From the Great Fire of London to a White Castle in the Bronx, from the Thames to the Hudson, Joe Strummer to George Gershwin, Noel Coward to Jay-Z, Primrose Hill to Yankee Stadium, Maggie Thatcher to Fiorello La Guardia, Silverton marshals a wealth of connections and coincidences to illuminate the creative process and its enduring cultural impact.
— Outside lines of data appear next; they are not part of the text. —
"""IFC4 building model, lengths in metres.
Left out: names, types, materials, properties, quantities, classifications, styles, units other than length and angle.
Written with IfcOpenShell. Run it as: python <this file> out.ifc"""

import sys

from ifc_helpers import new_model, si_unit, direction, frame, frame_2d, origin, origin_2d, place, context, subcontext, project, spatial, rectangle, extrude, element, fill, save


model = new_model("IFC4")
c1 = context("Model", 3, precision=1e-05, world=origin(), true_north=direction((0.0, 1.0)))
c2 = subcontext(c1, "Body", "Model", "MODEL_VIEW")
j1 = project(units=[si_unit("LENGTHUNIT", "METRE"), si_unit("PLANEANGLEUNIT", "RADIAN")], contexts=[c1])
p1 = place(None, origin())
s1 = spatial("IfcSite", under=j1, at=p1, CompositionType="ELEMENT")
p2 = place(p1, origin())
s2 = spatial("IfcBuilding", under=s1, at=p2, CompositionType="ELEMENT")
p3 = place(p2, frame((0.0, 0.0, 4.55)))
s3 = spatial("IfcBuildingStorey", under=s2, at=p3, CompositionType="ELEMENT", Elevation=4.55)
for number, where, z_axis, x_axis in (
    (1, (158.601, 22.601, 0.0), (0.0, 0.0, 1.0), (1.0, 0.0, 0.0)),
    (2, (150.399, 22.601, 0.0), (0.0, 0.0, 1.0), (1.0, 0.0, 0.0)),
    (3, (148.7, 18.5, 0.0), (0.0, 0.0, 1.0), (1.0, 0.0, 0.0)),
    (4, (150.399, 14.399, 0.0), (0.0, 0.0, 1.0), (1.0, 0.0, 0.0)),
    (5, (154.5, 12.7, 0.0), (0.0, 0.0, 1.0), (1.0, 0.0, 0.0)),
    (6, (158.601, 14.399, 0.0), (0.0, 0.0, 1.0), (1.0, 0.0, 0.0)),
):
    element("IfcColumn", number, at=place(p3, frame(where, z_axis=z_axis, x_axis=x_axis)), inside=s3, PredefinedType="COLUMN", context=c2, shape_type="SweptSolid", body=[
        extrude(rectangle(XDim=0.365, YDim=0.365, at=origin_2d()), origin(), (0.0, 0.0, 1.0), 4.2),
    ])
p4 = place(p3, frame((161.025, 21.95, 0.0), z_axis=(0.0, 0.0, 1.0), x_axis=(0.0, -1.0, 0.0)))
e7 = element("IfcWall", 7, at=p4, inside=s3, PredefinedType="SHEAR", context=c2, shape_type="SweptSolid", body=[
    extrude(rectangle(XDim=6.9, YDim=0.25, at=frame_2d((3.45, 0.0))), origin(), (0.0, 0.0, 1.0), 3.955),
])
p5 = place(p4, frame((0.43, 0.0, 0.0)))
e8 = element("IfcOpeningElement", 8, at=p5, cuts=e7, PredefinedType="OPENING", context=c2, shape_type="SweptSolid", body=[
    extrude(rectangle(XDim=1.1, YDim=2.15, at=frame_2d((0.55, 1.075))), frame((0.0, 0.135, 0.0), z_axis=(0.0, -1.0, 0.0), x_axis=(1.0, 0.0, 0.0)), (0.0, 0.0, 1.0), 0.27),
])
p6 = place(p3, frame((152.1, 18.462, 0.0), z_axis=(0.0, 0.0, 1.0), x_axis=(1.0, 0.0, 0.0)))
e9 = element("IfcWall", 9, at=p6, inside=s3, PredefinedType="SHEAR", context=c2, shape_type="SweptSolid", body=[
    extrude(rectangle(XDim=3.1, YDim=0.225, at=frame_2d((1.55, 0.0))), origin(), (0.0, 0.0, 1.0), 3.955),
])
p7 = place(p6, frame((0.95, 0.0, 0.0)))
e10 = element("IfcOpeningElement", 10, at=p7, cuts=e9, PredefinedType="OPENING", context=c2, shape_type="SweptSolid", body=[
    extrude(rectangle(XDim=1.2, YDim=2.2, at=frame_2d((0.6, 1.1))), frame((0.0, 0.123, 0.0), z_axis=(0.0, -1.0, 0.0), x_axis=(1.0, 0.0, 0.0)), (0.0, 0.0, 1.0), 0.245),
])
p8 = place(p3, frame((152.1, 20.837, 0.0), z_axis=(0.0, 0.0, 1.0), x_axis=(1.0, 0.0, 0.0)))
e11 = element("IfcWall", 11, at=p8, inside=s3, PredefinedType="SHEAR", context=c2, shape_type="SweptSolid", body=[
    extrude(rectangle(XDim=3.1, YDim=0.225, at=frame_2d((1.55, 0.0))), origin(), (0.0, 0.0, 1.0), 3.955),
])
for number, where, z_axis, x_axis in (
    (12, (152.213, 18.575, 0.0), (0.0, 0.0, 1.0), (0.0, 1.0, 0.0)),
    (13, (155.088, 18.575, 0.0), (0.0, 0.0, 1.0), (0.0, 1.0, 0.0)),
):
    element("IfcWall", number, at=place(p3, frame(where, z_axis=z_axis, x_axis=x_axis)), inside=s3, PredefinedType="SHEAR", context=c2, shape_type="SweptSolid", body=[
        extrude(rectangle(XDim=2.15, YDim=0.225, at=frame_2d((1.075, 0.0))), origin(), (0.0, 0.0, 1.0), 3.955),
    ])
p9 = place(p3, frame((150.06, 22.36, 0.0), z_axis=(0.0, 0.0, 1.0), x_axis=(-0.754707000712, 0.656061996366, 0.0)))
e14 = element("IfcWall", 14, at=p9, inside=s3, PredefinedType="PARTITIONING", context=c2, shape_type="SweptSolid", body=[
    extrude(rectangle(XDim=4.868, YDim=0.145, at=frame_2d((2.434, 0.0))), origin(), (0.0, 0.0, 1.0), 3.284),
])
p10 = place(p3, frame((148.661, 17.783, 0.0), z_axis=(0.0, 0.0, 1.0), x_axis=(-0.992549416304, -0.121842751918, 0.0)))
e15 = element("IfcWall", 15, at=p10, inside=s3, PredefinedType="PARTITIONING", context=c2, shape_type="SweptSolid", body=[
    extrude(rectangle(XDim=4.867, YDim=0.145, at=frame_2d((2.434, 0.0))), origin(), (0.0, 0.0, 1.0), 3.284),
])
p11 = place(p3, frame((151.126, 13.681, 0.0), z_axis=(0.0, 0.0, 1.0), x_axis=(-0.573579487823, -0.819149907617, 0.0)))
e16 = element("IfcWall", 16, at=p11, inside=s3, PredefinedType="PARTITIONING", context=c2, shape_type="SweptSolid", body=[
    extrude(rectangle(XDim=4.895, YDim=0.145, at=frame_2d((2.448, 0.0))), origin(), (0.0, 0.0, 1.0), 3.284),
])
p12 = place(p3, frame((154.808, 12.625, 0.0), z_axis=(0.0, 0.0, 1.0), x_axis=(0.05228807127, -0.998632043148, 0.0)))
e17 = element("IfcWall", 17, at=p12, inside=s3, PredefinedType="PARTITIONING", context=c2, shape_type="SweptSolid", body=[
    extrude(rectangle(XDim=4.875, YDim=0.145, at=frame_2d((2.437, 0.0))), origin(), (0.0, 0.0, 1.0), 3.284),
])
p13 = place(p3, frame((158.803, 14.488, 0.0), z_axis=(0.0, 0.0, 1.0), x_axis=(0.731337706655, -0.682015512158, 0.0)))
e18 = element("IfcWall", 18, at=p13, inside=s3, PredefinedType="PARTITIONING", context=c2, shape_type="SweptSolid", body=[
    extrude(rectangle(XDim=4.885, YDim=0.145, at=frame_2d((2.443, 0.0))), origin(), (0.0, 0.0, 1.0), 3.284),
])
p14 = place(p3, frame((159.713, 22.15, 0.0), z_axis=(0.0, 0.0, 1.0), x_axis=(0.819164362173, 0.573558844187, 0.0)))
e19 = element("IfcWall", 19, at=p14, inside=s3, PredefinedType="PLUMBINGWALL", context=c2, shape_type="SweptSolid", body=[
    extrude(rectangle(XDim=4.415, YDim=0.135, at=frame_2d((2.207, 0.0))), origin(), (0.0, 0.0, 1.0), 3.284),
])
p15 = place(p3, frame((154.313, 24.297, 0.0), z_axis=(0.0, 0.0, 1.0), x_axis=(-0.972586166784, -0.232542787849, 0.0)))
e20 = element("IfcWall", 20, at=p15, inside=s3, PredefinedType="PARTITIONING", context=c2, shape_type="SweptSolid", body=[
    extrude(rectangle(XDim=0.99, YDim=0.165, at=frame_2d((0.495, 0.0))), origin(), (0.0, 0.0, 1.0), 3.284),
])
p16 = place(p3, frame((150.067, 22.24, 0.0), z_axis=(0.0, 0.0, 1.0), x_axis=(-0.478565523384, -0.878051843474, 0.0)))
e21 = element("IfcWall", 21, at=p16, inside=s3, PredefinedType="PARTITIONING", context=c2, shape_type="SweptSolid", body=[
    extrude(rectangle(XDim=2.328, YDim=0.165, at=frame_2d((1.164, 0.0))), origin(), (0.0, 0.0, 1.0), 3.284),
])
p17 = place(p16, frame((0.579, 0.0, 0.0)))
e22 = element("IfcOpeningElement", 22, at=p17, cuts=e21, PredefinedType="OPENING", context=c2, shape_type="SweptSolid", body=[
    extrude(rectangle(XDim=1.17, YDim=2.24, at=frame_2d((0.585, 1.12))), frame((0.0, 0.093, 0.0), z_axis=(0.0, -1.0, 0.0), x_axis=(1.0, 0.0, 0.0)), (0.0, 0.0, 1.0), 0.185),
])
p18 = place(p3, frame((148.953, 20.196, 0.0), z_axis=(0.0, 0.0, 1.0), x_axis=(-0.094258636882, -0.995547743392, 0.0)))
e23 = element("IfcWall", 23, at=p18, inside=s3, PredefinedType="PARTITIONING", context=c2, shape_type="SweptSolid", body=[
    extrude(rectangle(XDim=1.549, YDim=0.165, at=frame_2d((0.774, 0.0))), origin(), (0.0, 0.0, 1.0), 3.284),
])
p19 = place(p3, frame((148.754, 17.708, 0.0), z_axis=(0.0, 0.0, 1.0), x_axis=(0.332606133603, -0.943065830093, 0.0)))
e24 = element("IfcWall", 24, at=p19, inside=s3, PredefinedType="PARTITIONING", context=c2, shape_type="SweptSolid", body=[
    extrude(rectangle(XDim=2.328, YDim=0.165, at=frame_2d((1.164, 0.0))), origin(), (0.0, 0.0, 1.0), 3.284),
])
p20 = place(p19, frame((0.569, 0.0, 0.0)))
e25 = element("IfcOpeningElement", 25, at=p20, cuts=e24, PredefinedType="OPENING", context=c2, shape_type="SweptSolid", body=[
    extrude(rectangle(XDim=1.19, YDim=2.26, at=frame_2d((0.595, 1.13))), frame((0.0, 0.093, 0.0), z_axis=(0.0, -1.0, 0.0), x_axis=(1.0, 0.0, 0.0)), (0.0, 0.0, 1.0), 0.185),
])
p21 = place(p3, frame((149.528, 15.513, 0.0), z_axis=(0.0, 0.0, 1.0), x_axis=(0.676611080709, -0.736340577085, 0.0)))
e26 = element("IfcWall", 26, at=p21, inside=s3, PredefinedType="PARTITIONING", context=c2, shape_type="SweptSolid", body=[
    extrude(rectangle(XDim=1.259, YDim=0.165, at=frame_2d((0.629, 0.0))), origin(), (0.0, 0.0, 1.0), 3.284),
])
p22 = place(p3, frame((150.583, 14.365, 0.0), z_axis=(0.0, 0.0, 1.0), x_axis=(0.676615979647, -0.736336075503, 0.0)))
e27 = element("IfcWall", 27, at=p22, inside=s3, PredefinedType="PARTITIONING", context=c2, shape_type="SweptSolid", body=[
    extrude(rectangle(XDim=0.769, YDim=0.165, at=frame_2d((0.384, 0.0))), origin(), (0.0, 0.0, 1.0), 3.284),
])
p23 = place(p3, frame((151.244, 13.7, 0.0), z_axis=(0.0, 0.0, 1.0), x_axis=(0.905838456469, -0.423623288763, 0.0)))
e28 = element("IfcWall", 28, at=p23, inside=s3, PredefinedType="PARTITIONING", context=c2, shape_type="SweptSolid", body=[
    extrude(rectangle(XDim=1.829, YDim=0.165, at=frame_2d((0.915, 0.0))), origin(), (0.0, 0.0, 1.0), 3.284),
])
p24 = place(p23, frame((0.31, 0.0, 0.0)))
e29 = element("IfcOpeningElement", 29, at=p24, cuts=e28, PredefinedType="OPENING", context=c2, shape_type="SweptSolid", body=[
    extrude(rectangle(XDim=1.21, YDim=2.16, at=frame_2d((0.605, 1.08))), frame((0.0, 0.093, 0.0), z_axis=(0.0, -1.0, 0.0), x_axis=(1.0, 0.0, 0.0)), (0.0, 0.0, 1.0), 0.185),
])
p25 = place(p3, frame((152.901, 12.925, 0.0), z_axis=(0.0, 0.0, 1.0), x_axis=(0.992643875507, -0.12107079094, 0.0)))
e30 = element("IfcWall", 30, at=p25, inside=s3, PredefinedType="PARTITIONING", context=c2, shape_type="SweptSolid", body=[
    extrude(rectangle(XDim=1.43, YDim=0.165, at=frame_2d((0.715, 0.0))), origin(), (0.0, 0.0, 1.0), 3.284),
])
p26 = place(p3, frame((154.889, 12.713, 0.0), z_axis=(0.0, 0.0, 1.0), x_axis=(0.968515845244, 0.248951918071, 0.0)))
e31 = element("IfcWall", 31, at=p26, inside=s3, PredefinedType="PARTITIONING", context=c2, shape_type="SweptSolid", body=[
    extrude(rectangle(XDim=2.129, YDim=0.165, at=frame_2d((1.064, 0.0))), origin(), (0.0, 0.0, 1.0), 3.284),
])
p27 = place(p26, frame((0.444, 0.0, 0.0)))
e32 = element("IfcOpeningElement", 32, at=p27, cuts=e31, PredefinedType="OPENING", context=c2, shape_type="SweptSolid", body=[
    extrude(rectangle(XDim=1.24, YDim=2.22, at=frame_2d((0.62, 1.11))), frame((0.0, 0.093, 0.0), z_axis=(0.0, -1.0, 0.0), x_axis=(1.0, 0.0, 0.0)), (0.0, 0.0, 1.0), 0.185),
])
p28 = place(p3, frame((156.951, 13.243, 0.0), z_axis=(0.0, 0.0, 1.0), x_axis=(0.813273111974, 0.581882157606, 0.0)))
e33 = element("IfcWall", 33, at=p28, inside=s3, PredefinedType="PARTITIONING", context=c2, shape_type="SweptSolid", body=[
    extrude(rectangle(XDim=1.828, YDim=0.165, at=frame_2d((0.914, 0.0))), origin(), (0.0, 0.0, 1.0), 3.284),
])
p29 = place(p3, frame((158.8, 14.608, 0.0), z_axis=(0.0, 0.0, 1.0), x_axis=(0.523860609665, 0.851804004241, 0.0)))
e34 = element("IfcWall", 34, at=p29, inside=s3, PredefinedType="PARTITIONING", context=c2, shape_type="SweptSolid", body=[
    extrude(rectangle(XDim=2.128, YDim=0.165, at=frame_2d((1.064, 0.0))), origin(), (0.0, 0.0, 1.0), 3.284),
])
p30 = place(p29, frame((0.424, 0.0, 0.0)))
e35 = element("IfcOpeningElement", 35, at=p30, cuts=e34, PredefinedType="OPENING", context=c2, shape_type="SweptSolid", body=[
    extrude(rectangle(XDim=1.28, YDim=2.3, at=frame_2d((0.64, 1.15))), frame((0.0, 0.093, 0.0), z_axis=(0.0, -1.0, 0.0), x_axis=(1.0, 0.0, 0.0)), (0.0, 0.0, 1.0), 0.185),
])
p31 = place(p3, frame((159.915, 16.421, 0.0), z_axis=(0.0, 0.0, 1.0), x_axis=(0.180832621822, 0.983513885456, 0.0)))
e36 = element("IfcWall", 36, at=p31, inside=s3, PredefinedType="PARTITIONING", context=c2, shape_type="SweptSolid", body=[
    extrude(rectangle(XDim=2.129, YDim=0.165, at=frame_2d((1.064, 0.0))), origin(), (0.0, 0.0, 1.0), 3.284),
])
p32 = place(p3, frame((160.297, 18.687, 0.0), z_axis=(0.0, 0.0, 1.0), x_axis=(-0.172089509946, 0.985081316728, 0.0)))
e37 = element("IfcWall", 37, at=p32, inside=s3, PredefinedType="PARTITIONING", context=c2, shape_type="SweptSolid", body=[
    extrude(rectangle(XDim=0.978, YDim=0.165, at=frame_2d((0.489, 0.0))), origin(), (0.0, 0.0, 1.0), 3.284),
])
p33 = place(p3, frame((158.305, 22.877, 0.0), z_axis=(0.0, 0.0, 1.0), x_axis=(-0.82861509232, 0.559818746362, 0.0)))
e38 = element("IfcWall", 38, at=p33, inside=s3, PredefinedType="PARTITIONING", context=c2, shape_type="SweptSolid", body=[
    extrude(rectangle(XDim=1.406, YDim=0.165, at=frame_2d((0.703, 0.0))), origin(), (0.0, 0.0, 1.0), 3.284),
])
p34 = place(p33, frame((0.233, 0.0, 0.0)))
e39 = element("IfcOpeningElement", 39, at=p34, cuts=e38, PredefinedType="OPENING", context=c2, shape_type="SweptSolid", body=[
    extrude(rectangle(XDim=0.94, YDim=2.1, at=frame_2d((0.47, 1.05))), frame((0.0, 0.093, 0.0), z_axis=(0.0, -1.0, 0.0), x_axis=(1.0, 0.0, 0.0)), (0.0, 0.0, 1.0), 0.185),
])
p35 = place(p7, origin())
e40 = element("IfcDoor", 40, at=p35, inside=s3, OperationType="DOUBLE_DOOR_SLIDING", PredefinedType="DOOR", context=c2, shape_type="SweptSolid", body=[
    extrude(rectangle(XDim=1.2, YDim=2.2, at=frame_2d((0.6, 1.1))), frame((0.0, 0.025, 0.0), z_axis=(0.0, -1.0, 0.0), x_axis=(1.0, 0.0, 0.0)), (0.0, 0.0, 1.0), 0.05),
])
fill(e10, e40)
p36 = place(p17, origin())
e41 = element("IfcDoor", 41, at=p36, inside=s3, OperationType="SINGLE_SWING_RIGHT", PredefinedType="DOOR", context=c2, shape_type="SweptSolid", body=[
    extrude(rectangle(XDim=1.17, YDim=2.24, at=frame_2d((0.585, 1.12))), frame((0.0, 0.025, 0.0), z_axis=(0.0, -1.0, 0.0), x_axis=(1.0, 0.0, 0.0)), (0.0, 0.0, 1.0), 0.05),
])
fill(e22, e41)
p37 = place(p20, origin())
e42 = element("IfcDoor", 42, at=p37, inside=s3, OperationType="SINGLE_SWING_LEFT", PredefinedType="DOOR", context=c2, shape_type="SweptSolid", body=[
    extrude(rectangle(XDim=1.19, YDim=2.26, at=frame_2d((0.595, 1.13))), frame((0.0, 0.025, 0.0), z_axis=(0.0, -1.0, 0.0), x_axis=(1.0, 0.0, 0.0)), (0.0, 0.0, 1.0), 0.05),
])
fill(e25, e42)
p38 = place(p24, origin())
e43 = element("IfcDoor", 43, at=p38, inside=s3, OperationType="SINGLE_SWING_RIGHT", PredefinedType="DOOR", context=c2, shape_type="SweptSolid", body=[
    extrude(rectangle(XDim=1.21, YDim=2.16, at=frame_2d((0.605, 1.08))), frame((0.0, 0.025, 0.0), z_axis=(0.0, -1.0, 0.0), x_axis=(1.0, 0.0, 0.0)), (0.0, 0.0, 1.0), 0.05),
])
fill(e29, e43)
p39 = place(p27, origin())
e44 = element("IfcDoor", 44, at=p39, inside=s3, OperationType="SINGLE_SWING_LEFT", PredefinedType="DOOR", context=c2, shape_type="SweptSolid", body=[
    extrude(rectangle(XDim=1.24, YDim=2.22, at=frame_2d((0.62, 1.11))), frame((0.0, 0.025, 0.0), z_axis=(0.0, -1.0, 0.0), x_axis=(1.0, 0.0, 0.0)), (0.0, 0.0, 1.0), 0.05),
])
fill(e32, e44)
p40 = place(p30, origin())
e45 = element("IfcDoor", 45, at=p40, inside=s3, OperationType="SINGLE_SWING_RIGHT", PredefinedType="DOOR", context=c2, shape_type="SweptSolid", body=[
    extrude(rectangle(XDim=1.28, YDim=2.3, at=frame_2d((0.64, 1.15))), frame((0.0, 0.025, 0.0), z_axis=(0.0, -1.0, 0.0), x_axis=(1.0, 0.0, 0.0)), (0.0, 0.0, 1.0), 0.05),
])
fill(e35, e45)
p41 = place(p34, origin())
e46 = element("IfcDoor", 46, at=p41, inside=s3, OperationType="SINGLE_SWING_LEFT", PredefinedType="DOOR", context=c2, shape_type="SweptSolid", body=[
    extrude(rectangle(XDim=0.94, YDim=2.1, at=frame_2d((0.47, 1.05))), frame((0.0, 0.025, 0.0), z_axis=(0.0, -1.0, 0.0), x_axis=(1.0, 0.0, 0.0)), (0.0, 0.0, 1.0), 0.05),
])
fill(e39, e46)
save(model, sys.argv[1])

Critique: A simply fascinating read from cover to cover, "London Calling New York New York: Two Songs, Two Cities" is an original and unique contribution to 20th century American/British music history and biography collections. Exceptionally well written, organized and presented, "London Calling New York New York: Two Songs, Two Cities" is especially and unreservedly recommended addition to community and college/university library Pop Music and Punk Rock Music & Musicians collections. It should be noted for personal reading lists that this paperback edition of "London Calling New York New York: Two Songs, Two Cities" from Trouser Press Books is also readily available in a digital book format (Kindle, $8.95, Amazon).

Editorial Note: A freelance writer, the late Peter Silverston was the author of Essential Elvis and a coauthor (with Glen Matlock) of I Was a Teenage Sex Pistol.

Michael J. Carson
Reviewer


Robin Friedman's Bookshelf

Dinner at the Homesick Restaurant
Anne Tyler
Vintage
https://knopfdoubleday.com/imprint/vintage
9780099916406, $13.99, paperback

https://www.amazon.com/Dinner-Homesick-Restaurant-Anne-Tyler/dp/0099916401

The Grayness Of Things

Near the end of Anne Tyler's ninth novel "Dinner at the Homesick Restaurant", (1982) Beck Tull, who had abandoned his wife and three young children years earlier, returns to his family at last on the occasion of his wife's funeral. Beck tries to explain to his now grown children the reason why he left years earlier: "what it was, I guess. was the grayness; grayness of things; half right and half wrongness of things. Everything tangled, mingled, not perfect anymore. I couldn't take that. Your mother could, but not me. Yes sir, I have to hand it to your mother."

Beck's reference to the "grayness", the ambiguity, of things, offers an insight into Tyler's novel and the fractured Tull family and its members. Besides the long gone Beck, the family included the mother, Pearl, and three children, Cody, Ezra, and Jenny, ages 14, 11, and 9 when their father leaves Pearl to raise them alone. Pearl's terminal illness and death both begins and ends the novel. The body of the novel recounts the story of the family as the children grow and assume their own lives. Tyler writes in the third person throughout with the story assuming the perspectives of the different characters. Most of the story is set in Tyler's beloved Baltimore.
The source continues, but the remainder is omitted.